High-deductible health plans: in the news and on the minds of researchers. Before us, two studies, one from UnitedHealth Group, the other from the Commonwealth Fund and the Baruch College School of Public Affairs at City University of New York.The latter, published in the July-August issue of Health Affairs, wants everyone to curb his enthusiasm about high-deductible plans paired with health savings accounts because they do not really reduce out-of-pocket costs for the consumers with the greatest health expenditures and therefore won't cut spending overall.
"Health care spending is highly concentrated [in] a small group of people who have very high medical costs," says the study's coauthor, Dahlia Remler, PhD. "This study shows that a high-deductible HSA would have no effect on this spending, leaving a negligible impact on health care costs."
Meanwhile, UnitedHealth's study says that because high-deductible health plans encourage use of preventive services, they do drive down costs — at least for employers. The studies are similar only insofar as they deal with the same subject. The conclusions are not mutually exclusive.
The Health Affairs study, according to Remler, makes the case that "the consumers with the big medical expenditures, who make up the bulk of the total expenditures, will not in fact have more 'skin in the game'. Only those in the middle will have more 'skin in the game.' Moreover, consumers already have some skin in the game, since managed care plans already have substantial cost-sharing."

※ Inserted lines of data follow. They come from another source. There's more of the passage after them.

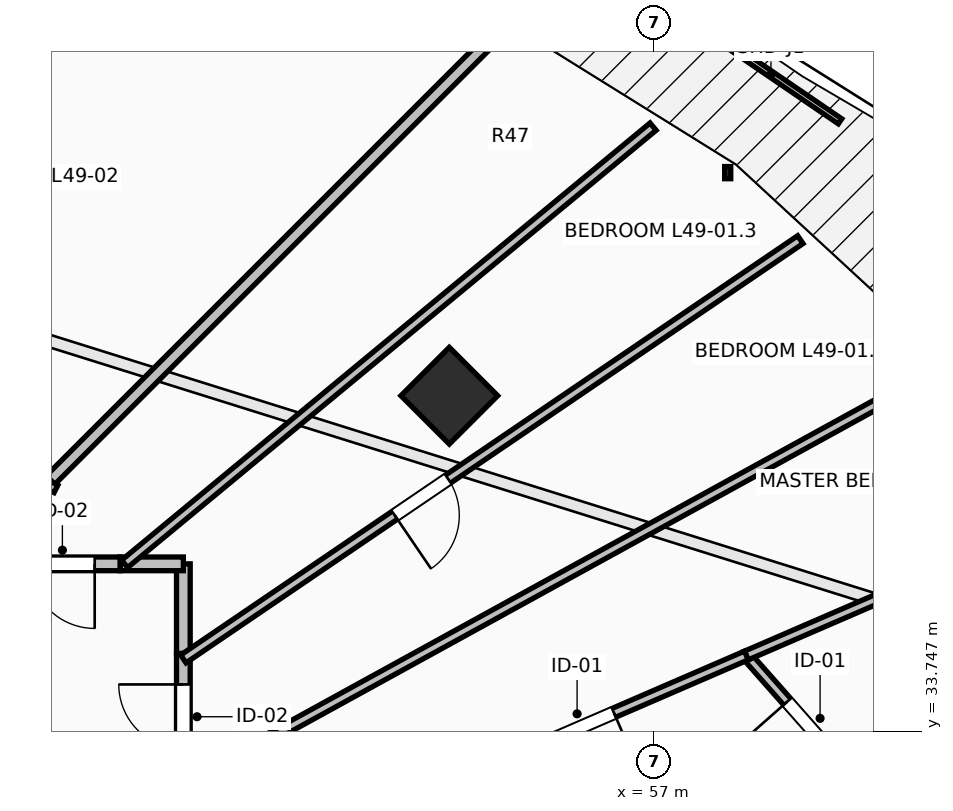
"""IFC4 building model, lengths in metres.
Left out: names, types, materials, properties, quantities, classifications, styles, units other than length and angle.
Written with IfcOpenShell. Run it as: python <this file> out.ifc"""

import sys

from ifc_helpers import new_model, si_unit, direction, frame, frame_2d, origin, origin_2d, place, context, subcontext, project, spatial, rectangle, extrude, element, fill, save


model = new_model("IFC4")
c1 = context("Model", 3, precision=1e-05, world=origin(), true_north=direction((0.0, 1.0)))
c2 = subcontext(c1, "Body", "Model", "MODEL_VIEW")
j1 = project(units=[si_unit("LENGTHUNIT", "METRE"), si_unit("PLANEANGLEUNIT", "RADIAN")], contexts=[c1])
p1 = place(None, origin())
s1 = spatial("IfcSite", under=j1, at=p1, CompositionType="ELEMENT")
p2 = place(p1, origin())
s2 = spatial("IfcBuilding", under=s1, at=p2, CompositionType="ELEMENT")
p3 = place(p2, frame((0.0, 0.0, 182.6)))
s3 = spatial("IfcBuildingStorey", under=s2, at=p3, CompositionType="ELEMENT", Elevation=182.6)
p4 = place(p3, frame((54.299, 38.162, 0.0), z_axis=(0.0, 0.0, 1.0), x_axis=(0.707106781187, 0.707106781187, 0.0)))
e1 = element("IfcColumn", 1, at=p4, inside=s3, PredefinedType="COLUMN", context=c2, shape_type="SweptSolid", body=[
    extrude(rectangle(XDim=0.9, YDim=0.9, at=origin_2d()), origin(), (0.0, 0.0, 1.0), 3.5),
])
p5 = place(p3, frame((50.8, 33.105, 0.0), z_axis=(0.0, 0.0, 1.0), x_axis=(0.0, 1.0, 0.0)))
e2 = element("IfcWall", 2, at=p5, inside=s3, PredefinedType="PARTITIONING", context=c2, shape_type="SweptSolid", body=[
    extrude(rectangle(XDim=1.667, YDim=0.18, at=frame_2d((0.833, 0.0))), origin(), (0.0, 0.0, 1.0), 2.432),
])
p6 = place(p5, frame((0.408, 0.0, 0.0)))
e3 = element("IfcOpeningElement", 3, at=p6, cuts=e2, PredefinedType="OPENING", context=c2, shape_type="SweptSolid", body=[
    extrude(rectangle(XDim=0.85, YDim=2.1, at=frame_2d((0.425, 1.05))), frame((0.0, 0.105, 0.0), z_axis=(0.0, -1.0, 0.0), x_axis=(1.0, 0.0, 0.0)), (0.0, 0.0, 1.0), 0.21),
])
p7 = place(p3, frame((50.8, 34.772, 0.0), z_axis=(0.0, 0.0, 1.0), x_axis=(0.0, 1.0, 0.0)))
e4 = element("IfcWall", 4, at=p7, inside=s3, PredefinedType="PARTITIONING", context=c2, shape_type="SweptSolid", body=[
    extrude(rectangle(XDim=1.178, YDim=0.18, at=frame_2d((0.589, 0.0))), origin(), (0.0, 0.0, 1.0), 2.432),
])
p8 = place(p3, frame((50.8, 35.95, 0.0), z_axis=(0.0, 0.0, 1.0), x_axis=(-1.0, 0.0, 0.0)))
e5 = element("IfcWall", 5, at=p8, inside=s3, PredefinedType="PARTITIONING", context=c2, shape_type="SweptSolid", body=[
    extrude(rectangle(XDim=0.833, YDim=0.18, at=frame_2d((0.417, 0.0))), origin(), (0.0, 0.0, 1.0), 3.24),
])
p9 = place(p3, frame((49.967, 35.95, 0.0), z_axis=(0.0, 0.0, 1.0), x_axis=(-1.0, 0.0, 0.0)))
e6 = element("IfcWall", 6, at=p9, inside=s3, PredefinedType="PARTITIONING", context=c2, shape_type="SweptSolid", body=[
    extrude(rectangle(XDim=2.077, YDim=0.18, at=frame_2d((1.039, 0.0))), origin(), (0.0, 0.0, 1.0), 2.432),
])
p10 = place(p9, frame((0.333, 0.0, 0.0)))
e7 = element("IfcOpeningElement", 7, at=p10, cuts=e6, PredefinedType="OPENING", context=c2, shape_type="SweptSolid", body=[
    extrude(rectangle(XDim=0.85, YDim=2.1, at=frame_2d((0.425, 1.05))), frame((0.0, 0.105, 0.0), z_axis=(0.0, -1.0, 0.0), x_axis=(1.0, 0.0, 0.0)), (0.0, 0.0, 1.0), 0.21),
])
p11 = place(p3, frame((59.877, 32.853, 0.0), z_axis=(0.0, 0.0, 1.0), x_axis=(-0.661957655691, 0.749541234404, 0.0)))
e8 = element("IfcWall", 8, at=p11, inside=s3, PredefinedType="PARTITIONING", context=c2, shape_type="SweptSolid", body=[
    extrude(rectangle(XDim=2.523, YDim=0.125, at=frame_2d((1.261, 0.0))), origin(), (0.0, 0.0, 1.0), 3.24),
])
p12 = place(p11, frame((0.811, 0.0, 0.0)))
e9 = element("IfcOpeningElement", 9, at=p12, cuts=e8, PredefinedType="OPENING", context=c2, shape_type="SweptSolid", body=[
    extrude(rectangle(XDim=0.9, YDim=2.1, at=frame_2d((0.45, 1.05))), frame((0.0, 0.077, 0.0), z_axis=(0.0, -1.0, 0.0), x_axis=(1.0, 0.0, 0.0)), (0.0, 0.0, 1.0), 0.155),
])
p13 = place(p3, frame((58.207, 34.744, 0.0), z_axis=(0.0, 0.0, 1.0), x_axis=(0.917748928086, 0.397161056748, 0.0)))
e10 = element("IfcWall", 10, at=p13, inside=s3, PredefinedType="PARTITIONING", context=c2, shape_type="SweptSolid", body=[
    extrude(rectangle(XDim=2.18, YDim=0.125, at=frame_2d((1.09, 0.0))), origin(), (0.0, 0.0, 1.0), 3.24),
])
p14 = place(p3, frame((58.207, 34.744, 0.0), z_axis=(0.0, 0.0, 1.0), x_axis=(-0.917771035239, -0.397109968241, 0.0)))
e11 = element("IfcWall", 11, at=p14, inside=s3, PredefinedType="PARTITIONING", context=c2, shape_type="SweptSolid", body=[
    extrude(rectangle(XDim=4.697, YDim=0.125, at=frame_2d((2.349, 0.0))), origin(), (0.0, 0.0, 1.0), 2.432),
])
p15 = place(p14, frame((1.898, 0.0, 0.0)))
e12 = element("IfcOpeningElement", 12, at=p15, cuts=e11, PredefinedType="OPENING", context=c2, shape_type="SweptSolid", body=[
    extrude(rectangle(XDim=0.9, YDim=2.1, at=frame_2d((0.45, 1.05))), frame((0.0, 0.077, 0.0), z_axis=(0.0, -1.0, 0.0), x_axis=(1.0, 0.0, 0.0)), (0.0, 0.0, 1.0), 0.155),
])
p16 = place(p3, frame((60.761, 38.513, 0.0), z_axis=(0.0, 0.0, 1.0), x_axis=(-0.876315654865, -0.481737348602, 0.0)))
e13 = element("IfcWall", 13, at=p16, inside=s3, PredefinedType="PARTITIONING", context=c2, shape_type="SweptSolid", body=[
    extrude(rectangle(XDim=11.367, YDim=0.125, at=frame_2d((5.684, 0.0))), origin(), (0.0, 0.0, 1.0), 2.432),
])
p17 = place(p3, frame((58.917, 40.215, 0.0), z_axis=(0.0, 0.0, 1.0), x_axis=(-0.827087951184, -0.562072522906, 0.0)))
e14 = element("IfcWall", 14, at=p17, inside=s3, PredefinedType="PARTITIONING", context=c2, shape_type="SweptSolid", body=[
    extrude(rectangle(XDim=9.814, YDim=0.125, at=frame_2d((4.907, 0.0))), origin(), (0.0, 0.0, 1.0), 2.432),
])
p18 = place(p17, frame((5.602, 0.0, 0.0)))
e15 = element("IfcOpeningElement", 15, at=p18, cuts=e14, PredefinedType="OPENING", context=c2, shape_type="SweptSolid", body=[
    extrude(rectangle(XDim=0.85, YDim=2.1, at=frame_2d((0.425, 1.05))), frame((0.0, 0.077, 0.0), z_axis=(0.0, -1.0, 0.0), x_axis=(1.0, 0.0, 0.0)), (0.0, 0.0, 1.0), 0.155),
])
p19 = place(p3, frame((56.98, 41.702, 0.0), z_axis=(0.0, 0.0, 1.0), x_axis=(-0.770511618294, -0.637425953405, 0.0)))
e16 = element("IfcWall", 16, at=p19, inside=s3, PredefinedType="PARTITIONING", context=c2, shape_type="SweptSolid", body=[
    extrude(rectangle(XDim=9.024, YDim=0.125, at=frame_2d((4.512, 0.0))), origin(), (0.0, 0.0, 1.0), 2.774),
])
p20 = place(p3, frame((54.959, 42.959, 0.0), z_axis=(0.0, 0.0, 1.0), x_axis=(-0.707106781187, -0.707106781187, 0.0)))
e17 = element("IfcWall", 17, at=p20, inside=s3, PredefinedType="PARTITIONING", context=c2, shape_type="SweptSolid", body=[
    extrude(rectangle(XDim=8.492, YDim=0.16, at=frame_2d((4.246, 0.0))), origin(), (0.0, 0.0, 1.0), 2.774),
])
p21 = place(p3, frame((49.053, 37.053, 0.0), z_axis=(0.0, 0.0, 1.0), x_axis=(-0.707106781187, -0.707106781187, 0.0)))
e18 = element("IfcWall", 18, at=p21, inside=s3, PredefinedType="PARTITIONING", context=c2, shape_type="SweptSolid", body=[
    extrude(rectangle(XDim=1.7, YDim=0.16, at=frame_2d((0.85, 0.0))), origin(), (0.0, 0.0, 1.0), 2.432),
])
p22 = place(p3, frame((46.369, 38.328, 0.0), z_axis=(0.0, 0.0, 1.0), x_axis=(0.892472891666, -0.451101028199, 0.0)))
e19 = element("IfcWall", 19, at=p22, inside=s3, PredefinedType="PARTITIONING", context=c2, shape_type="SweptSolid", body=[
    extrude(rectangle(XDim=3.086, YDim=0.11, at=frame_2d((1.543, 0.0))), origin(), (0.0, 0.0, 1.0), 2.432),
])
p23 = place(p12, origin())
e20 = element("IfcDoor", 20, at=p23, inside=s3, OperationType="SINGLE_SWING_RIGHT", PredefinedType="DOOR", context=c2, shape_type="SweptSolid", body=[
    extrude(rectangle(XDim=0.9, YDim=2.1, at=frame_2d((0.45, 1.05))), frame((0.0, 0.025, 0.0), z_axis=(0.0, -1.0, 0.0), x_axis=(1.0, 0.0, 0.0)), (0.0, 0.0, 1.0), 0.05),
])
fill(e9, e20)
p24 = place(p15, origin())
e21 = element("IfcDoor", 21, at=p24, inside=s3, OperationType="SINGLE_SWING_LEFT", PredefinedType="DOOR", context=c2, shape_type="SweptSolid", body=[
    extrude(rectangle(XDim=0.9, YDim=2.1, at=frame_2d((0.45, 1.05))), frame((0.0, 0.025, 0.0), z_axis=(0.0, -1.0, 0.0), x_axis=(1.0, 0.0, 0.0)), (0.0, 0.0, 1.0), 0.05),
])
fill(e12, e21)
p25 = place(p6, origin())
e22 = element("IfcDoor", 22, at=p25, inside=s3, OperationType="SINGLE_SWING_RIGHT", PredefinedType="DOOR", context=c2, shape_type="SweptSolid", body=[
    extrude(rectangle(XDim=0.85, YDim=2.1, at=frame_2d((0.425, 1.05))), frame((0.0, 0.025, 0.0), z_axis=(0.0, -1.0, 0.0), x_axis=(1.0, 0.0, 0.0)), (0.0, 0.0, 1.0), 0.05),
])
fill(e3, e22)
p26 = place(p10, origin())
e23 = element("IfcDoor", 23, at=p26, inside=s3, OperationType="SINGLE_SWING_LEFT", PredefinedType="DOOR", context=c2, shape_type="SweptSolid", body=[
    extrude(rectangle(XDim=0.85, YDim=2.1, at=frame_2d((0.425, 1.05))), frame((0.0, 0.025, 0.0), z_axis=(0.0, -1.0, 0.0), x_axis=(1.0, 0.0, 0.0)), (0.0, 0.0, 1.0), 0.05),
])
fill(e7, e23)
p27 = place(p18, origin())
e24 = element("IfcDoor", 24, at=p27, inside=s3, OperationType="SINGLE_SWING_RIGHT", PredefinedType="DOOR", context=c2, shape_type="SweptSolid", body=[
    extrude(rectangle(XDim=0.85, YDim=2.1, at=frame_2d((0.425, 1.05))), frame((0.0, 0.025, 0.0), z_axis=(0.0, -1.0, 0.0), x_axis=(1.0, 0.0, 0.0)), (0.0, 0.0, 1.0), 0.05),
])
fill(e15, e24)
save(model, sys.argv[1])

The Commonwealth/Baruch study states: "Thus, we find that current HSA/high-deductible plans fall short of the accompanying rhetoric."
The UnitedHealth Group study places an emphasis on prevention, and so holds out hope that the high-deductible plans will shrink the cost pie, and not just change the size of the slices.
UnitedHealth's study tracks 55,000 employees from 2003 to 2005. Those workers in high-deductible plans are more likely to visit primary care physicians regularly for no-cost check-ups than those who are in traditonal plans. Costs to employers for employees who are enrolled in high-deductible plans deceased by 3 percent to 5 percent between 2003 and 2005, according to UnitedHealth. Costs for employers whose workers stayed in traditional plans rose by 8 percent to 10 percent during the same period.